Porquinhos-da-índia: lidando com a perda de um companheiro e a introdução de um novo
Porquinhos-da-índia são animais de rebanho e a perda de um companheiro de baia é tanto um evento médico quanto emocional, pois o apetite do sobrevivente é o primeiro a falhar. Este guia aborda como é o luto, o que verificar antes da chegada de um novo animal, como fazer uma introdução em terreno neutro, quais comportamentos ignorar e como o acompanhamento do peso diário revela problemas no vínculo muito antes de serem visíveis.

Resposta rápida
Porquinhos-da-índia são animais de rebanho de uma forma que cães e gatos não são. Um porquinho sozinho não é um Pet com vida social reduzida, é um animal que sente falta de uma necessidade básica; em alguns países, incluindo a Suíça, manter um animal sozinho não é permitido.

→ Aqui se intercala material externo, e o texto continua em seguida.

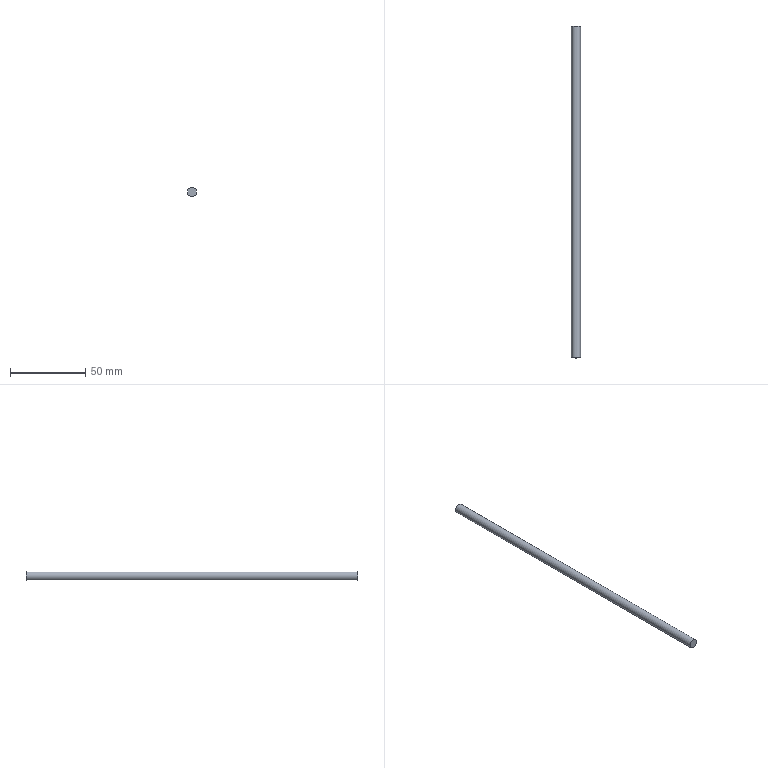Component | NX | HINGE | 1 solid | 3 faces | box 6 x 220 x 6 mm | volume 6220 mm3 | plane 2 | cylinder 1 | commonest cylinder face diameters 6 x1
STEP:
#1=CARTESIAN_POINT('',(0.,0.,0.));
#2=DIRECTION('',(0.,0.,1.));
#3=DIRECTION('',(1.,0.,0.));
#4=AXIS2_PLACEMENT_3D('',#1,#2,#3);
#5=CARTESIAN_POINT('',(115.,-110.,164.));
#6=VERTEX_POINT('',#5);
#7=CARTESIAN_POINT('',(112.,-110.,164.));
#8=DIRECTION('',(0.,-1.,0.));
#9=DIRECTION('',(1.,0.,0.));
#10=AXIS2_PLACEMENT_3D('',#7,#8,#9);
#11=CIRCLE('',#10,3.);
#12=CARTESIAN_POINT('',(112.,-110.,164.));
#13=DIRECTION('',(0.,1.,0.));
#14=DIRECTION('',(0.,0.,1.));
#15=AXIS2_PLACEMENT_3D('',#12,#13,#14);
#16=CYLINDRICAL_SURFACE('',#15,3.);
#17=CARTESIAN_POINT('',(7.854,0.));
#18=DIRECTION('',(-1.,0.));
#19=VECTOR('',#18,1.);
#20=LINE('',#17,#19);
#21=(GEOMETRIC_REPRESENTATION_CONTEXT(2)PARAMETRIC_REPRESENTATION_CONTEXT()REPRESENTATION_CONTEXT('',''));
#22=DEFINITIONAL_REPRESENTATION('',(#20),#21);
#23=PCURVE('',#16,#22);
#24=CARTESIAN_POINT('',(112.,-110.,164.));
#25=DIRECTION('',(0.,-1.,0.));
#26=DIRECTION('',(0.,0.,-1.));
#27=AXIS2_PLACEMENT_3D('',#24,#25,#26);
#28=PLANE('',#27);
#29=CARTESIAN_POINT('',(0.,0.));
#30=DIRECTION('',(0.,1.));
#31=AXIS2_PLACEMENT_2D('',#29,#30);
#32=CIRCLE('',#31,3.);
#33=(GEOMETRIC_REPRESENTATION_CONTEXT(2)PARAMETRIC_REPRESENTATION_CONTEXT()REPRESENTATION_CONTEXT('',''));
#34=DEFINITIONAL_REPRESENTATION('',(#32),#33);
#35=PCURVE('',#28,#34);
#36=SURFACE_CURVE('',#11,(#23,#35),.PCURVE_S1.);
#37=EDGE_CURVE('',#6,#6,#36,.T.);
#38=ORIENTED_EDGE('',*,*,#37,.F.);
#39=CARTESIAN_POINT('',(115.,110.,164.));
#40=VERTEX_POINT('',#39);
#41=CARTESIAN_POINT('',(115.,-110.,164.));
#42=CARTESIAN_POINT('',(115.,110.,164.));
#43=B_SPLINE_CURVE_WITH_KNOTS('',1,(#41,#42),.UNSPECIFIED.,.F.,.F.,(2,2),(0.,220.),.PIECEWISE_BEZIER_KNOTS.);
#44=CARTESIAN_POINT('',(7.854,0.));
#45=DIRECTION('',(0.,1.));
#46=VECTOR('',#45,1.);
#47=LINE('',#44,#46);
#48=(GEOMETRIC_REPRESENTATION_CONTEXT(2)PARAMETRIC_REPRESENTATION_CONTEXT()REPRESENTATION_CONTEXT('',''));
#49=DEFINITIONAL_REPRESENTATION('',(#47),#48);
#50=PCURVE('',#16,#49);
#51=CARTESIAN_POINT('',(1.571,0.));
#52=DIRECTION('',(0.,1.));
#53=VECTOR('',#52,1.);
#54=LINE('',#51,#53);
#55=(GEOMETRIC_REPRESENTATION_CONTEXT(2)PARAMETRIC_REPRESENTATION_CONTEXT()REPRESENTATION_CONTEXT('',''));
#56=DEFINITIONAL_REPRESENTATION('',(#54),#55);
#57=PCURVE('',#16,#56);
#58=SEAM_CURVE('',#43,(#50,#57),.PCURVE_S1.);
#59=EDGE_CURVE('',#6,#40,#58,.T.);
#60=ORIENTED_EDGE('',*,*,#59,.T.);
#61=CARTESIAN_POINT('',(112.,110.,164.));
#62=DIRECTION('',(0.,-1.,0.));
#63=DIRECTION('',(1.,0.,0.));
#64=AXIS2_PLACEMENT_3D('',#61,#62,#63);
#65=CIRCLE('',#64,3.);
#66=CARTESIAN_POINT('',(7.854,220.));
#67=DIRECTION('',(-1.,0.));
#68=VECTOR('',#67,1.);
#69=LINE('',#66,#68);
#70=(GEOMETRIC_REPRESENTATION_CONTEXT(2)PARAMETRIC_REPRESENTATION_CONTEXT()REPRESENTATION_CONTEXT('',''));
#71=DEFINITIONAL_REPRESENTATION('',(#69),#70);
#72=PCURVE('',#16,#71);
#73=CARTESIAN_POINT('',(112.,110.,164.));
#74=DIRECTION('',(0.,-1.,0.));
#75=DIRECTION('',(0.,0.,-1.));
#76=AXIS2_PLACEMENT_3D('',#73,#74,#75);
#77=PLANE('',#76);
#78=CARTESIAN_POINT('',(0.,0.));
#79=DIRECTION('',(0.,1.));
#80=AXIS2_PLACEMENT_2D('',#78,#79);
#81=CIRCLE('',#80,3.);
#82=(GEOMETRIC_REPRESENTATION_CONTEXT(2)PARAMETRIC_REPRESENTATION_CONTEXT()REPRESENTATION_CONTEXT('',''));
#83=DEFINITIONAL_REPRESENTATION('',(#81),#82);
#84=PCURVE('',#77,#83);
#85=SURFACE_CURVE('',#65,(#72,#84),.PCURVE_S1.);
#86=EDGE_CURVE('',#40,#40,#85,.T.);
#87=ORIENTED_EDGE('',*,*,#86,.T.);
#88=ORIENTED_EDGE('',*,*,#59,.F.);
#89=EDGE_LOOP('',(#38,#60,#87,#88));
#90=FACE_BOUND('',#89,.T.);
#91=ADVANCED_FACE('',(#90),#16,.T.);
#92=ORIENTED_EDGE('',*,*,#37,.T.);
#93=EDGE_LOOP('',(#92));
#94=FACE_BOUND('',#93,.T.);
#95=ADVANCED_FACE('',(#94),#28,.T.);
#96=ORIENTED_EDGE('',*,*,#86,.F.);
#97=EDGE_LOOP('',(#96));
#98=FACE_BOUND('',#97,.T.);
#99=ADVANCED_FACE('',(#98),#77,.F.);
#100=CLOSED_SHELL('',(#91,#95,#99));
#101=MANIFOLD_SOLID_BREP('',#100);
#102=(LENGTH_UNIT()NAMED_UNIT(*)SI_UNIT(.MILLI.,.METRE.));
#103=UNCERTAINTY_MEASURE_WITH_UNIT(LENGTH_MEASURE(0.00001),#102,'','');
#104=(NAMED_UNIT(*)PLANE_ANGLE_UNIT()SI_UNIT($,.RADIAN.));
#105=(NAMED_UNIT(*)SI_UNIT($,.STERADIAN.)SOLID_ANGLE_UNIT());
#106=(GEOMETRIC_REPRESENTATION_CONTEXT(3)GLOBAL_UNCERTAINTY_ASSIGNED_CONTEXT((#103))GLOBAL_UNIT_ASSIGNED_CONTEXT((#102,#104,#105))REPRESENTATION_CONTEXT('',''));
#107=ADVANCED_BREP_SHAPE_REPRESENTATION('',(#4,#101),#106);

Isso torna a morte de um companheiro de baia um evento emocional e também médico. O comportamento que os tutores descrevem como luto é real, mas o que realmente mata porquinhos-da-índia enlutados é a interrupção da alimentação. Um animal que depende da fermentação intestinal e para de comer está em apuros em menos de um dia.
Um porquinho-da-índia ambientado senta-se relaxado, sem apoiar todo o peso nas patas, com orelhas relaxadas e olhos tranquilos. Vale a pena observar atentamente um sobrevivente que não se acalma durante a primeira semana.
- O que parece ciúme em porquinhos-da-índia é quase sempre competição por comida, esconderijos e hierarquia, não competição por você.
- O primeiro risco médico após perder um companheiro é o apetite, não a tristeza. Pese diariamente.
- Nunca introduza um novo porquinho-da-índia na baia do residente.
- Ranger de dentes, ronronar e montar durante uma introdução são comportamentos normais. Sangue não é.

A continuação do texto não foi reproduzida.